Nothing particularly interesting happens at this stage: the script runs through the list of connections and generates a random number of transactions for each connection. It is written all in the same way - in .csv files by packages.
Count Creations: Patterns
And here there are interesting points. The types of behavior patterns that we wanted to get in the final column:
- Flow - a large amount goes from one node to m to the other, each of these m nodes transfers money to the next level of n nodes, and so on, until the last level sends all the money to one recipient.
- Circular - the amount of money goes in a circle and returns to the source.
- Time - a certain amount of money goes from one node to another with some fixed frequency.
Let's look at each of these patterns in more detail:
To begin with, the number of levels through which money will have to go is selected. In our implementation, this random number between 2 and 6 is not configurable and is wired in the code. Next, two nodes of the graph are selected - the sender and the recipient. A random amount is also selected, which the sender will send to the recipient (according to a tricky formula
50000 * random() + 50000 * random()).
Each member of this network takes some kind of fee for their services. In our implementation, the maximum price for passing money through the network will be 10% of the amount transferred by the sender.
Generated transactions have a time shift of relative transactions of the previous network level - that is, money first comes to level n-1, and only then goes to level n. Delays are randomly selected within 4-5 days. Also, generated transactions have pseudo-random amounts (limited by the initial amount and taking into account the fees for each node)
It is generated according to a similar principle as Flow, but instead of different sender and receiver and several levels in this pattern, the money goes in a circle and returns to the original node. All intermediate nodes charge a fee, as is the case with Flow, and transactions also have a time offset.
The simplest pattern.
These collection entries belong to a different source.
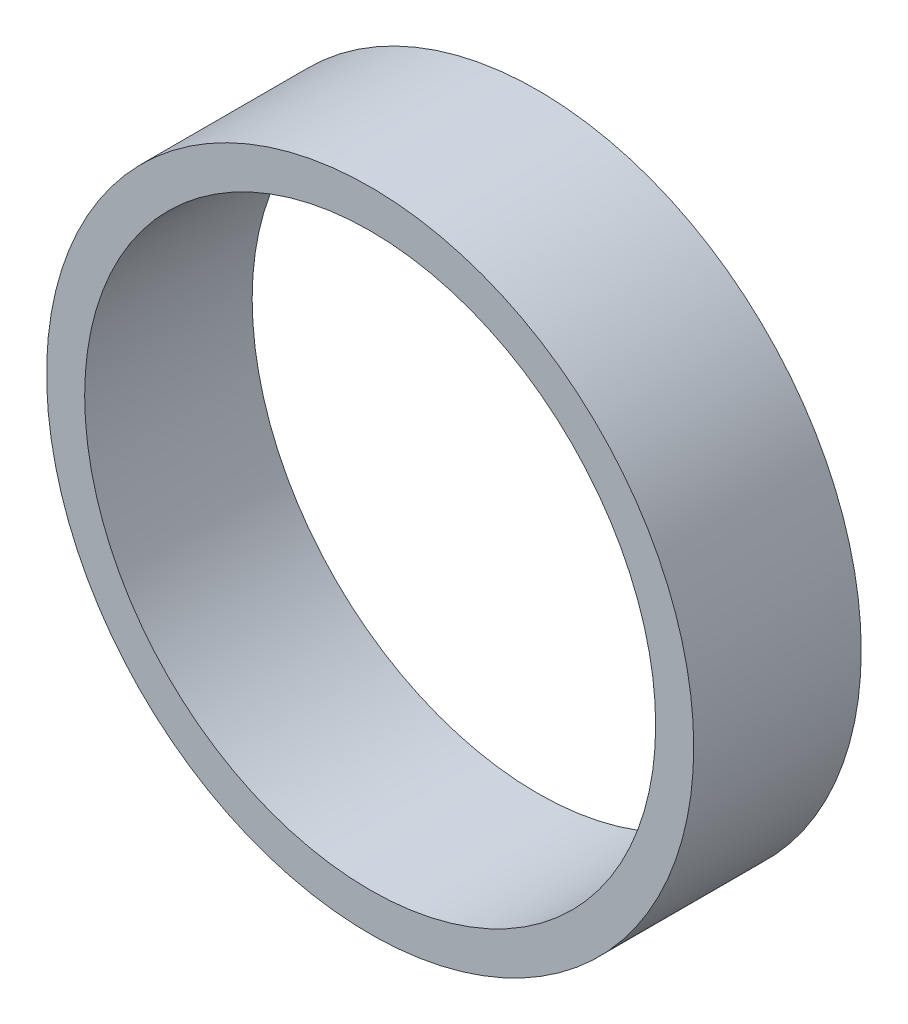
from build123d import *

# Parameters (mm, degrees)
SKETCH_1_R      = 42.5
SKETCH_1_R_2    = 37.5
EXTRUDE_1_DEPTH = 22


with BuildPart() as part:
    # 草图1 → 凸台-拉伸1 (new body)
    with BuildSketch(Plane.XY):
        Circle(SKETCH_1_R)
        Circle(SKETCH_1_R_2, mode=Mode.SUBTRACT)
    extrude(amount=EXTRUDE_1_DEPTH)


solid = part.part
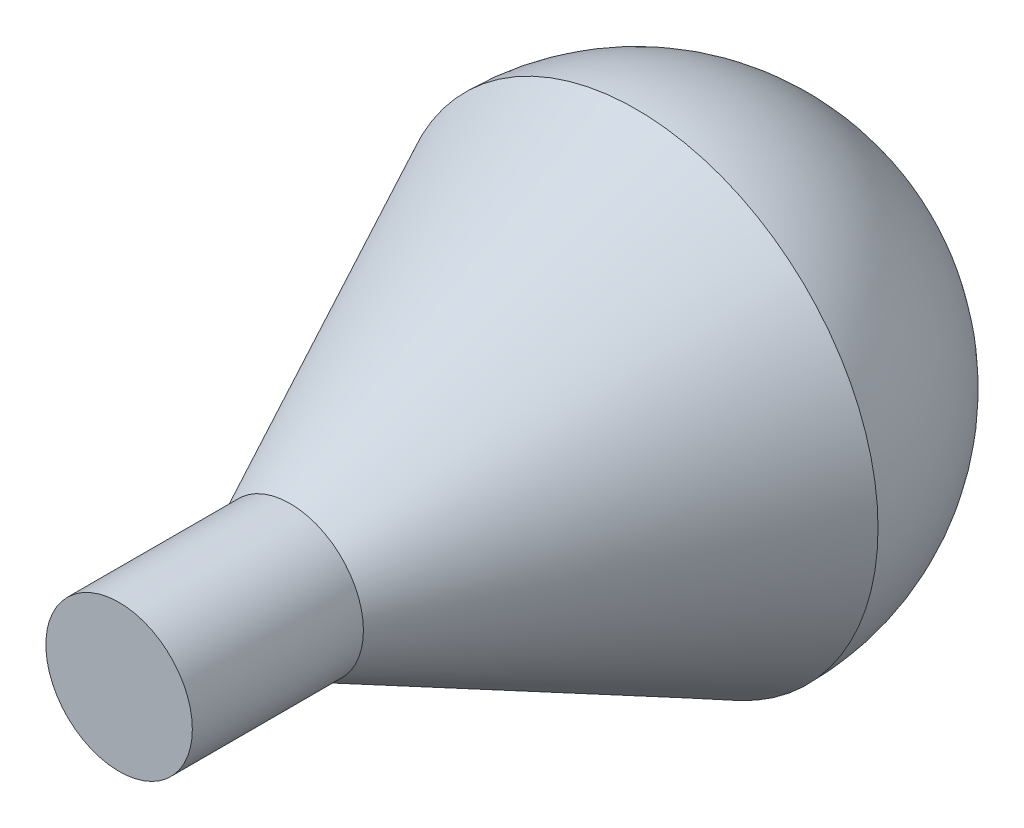
SolidWorks part; units mm, degrees
ref_plane "Front Plane" through (0, 0, 0) normal (0, 0, 1) x (1, 0, 0)
ref_plane "Top Plane" through (0, 0, 0) normal (0, 1, 0) x (1, 0, 0)
ref_plane "Right Plane" through (0, 0, 0) normal (1, 0, 0) x (0, 0, -1)
other "Configuration Table"
sketch "Sketch1" plane through (0, 0, 0) normal (0, 1, 0) x (1, 0, 0)
  line L0 (0, 0) -> (7.2399, 0)
  line L1 (7.2399, 0) -> (7.2399, 16.9122)
  line L2 (7.2399, 16.9122) -> (23.9104, 51.112)
  line L3 (0, 0) -> (0, 51.112)
  line L4 (0, 51.112) -> (0, 75.0224)
  arc A0 (23.9104, 51.112) -> (0, 75.0224) centre (0, 51.112) ccw
revolve "Revolve1" add sketch "Sketch1" angle 360 about L4

A certain amount is sent from the sender to the recipient a random number of times (from 5 to 50, not configurable) with pseudo-random time shifts.
All new transactions are written in the same way to .csv files in batches.
Graph randomization and collecting all transactions in one file
At this stage, we have several .csv files:
- 3 files with nodes (clients, companies and ATMs)
- 4 transaction files: one for regular transactions and 3 containing patterns.
An additional script mixes pattern transactions along with regular transactions so that it is not possible to see patterns in a graph in the order in which transactions are recorded in a file.
And what to do with all this?
In the end, we have 4 beautiful files with graph nodes and transactions between them. You can import into Neo4J, you can distribute through REST, but whatever your heart desires, you can do with them.
As for us, we received a very positive feedback from the hackathon participants, and some very interesting solutions for finding patterns in massive graphs.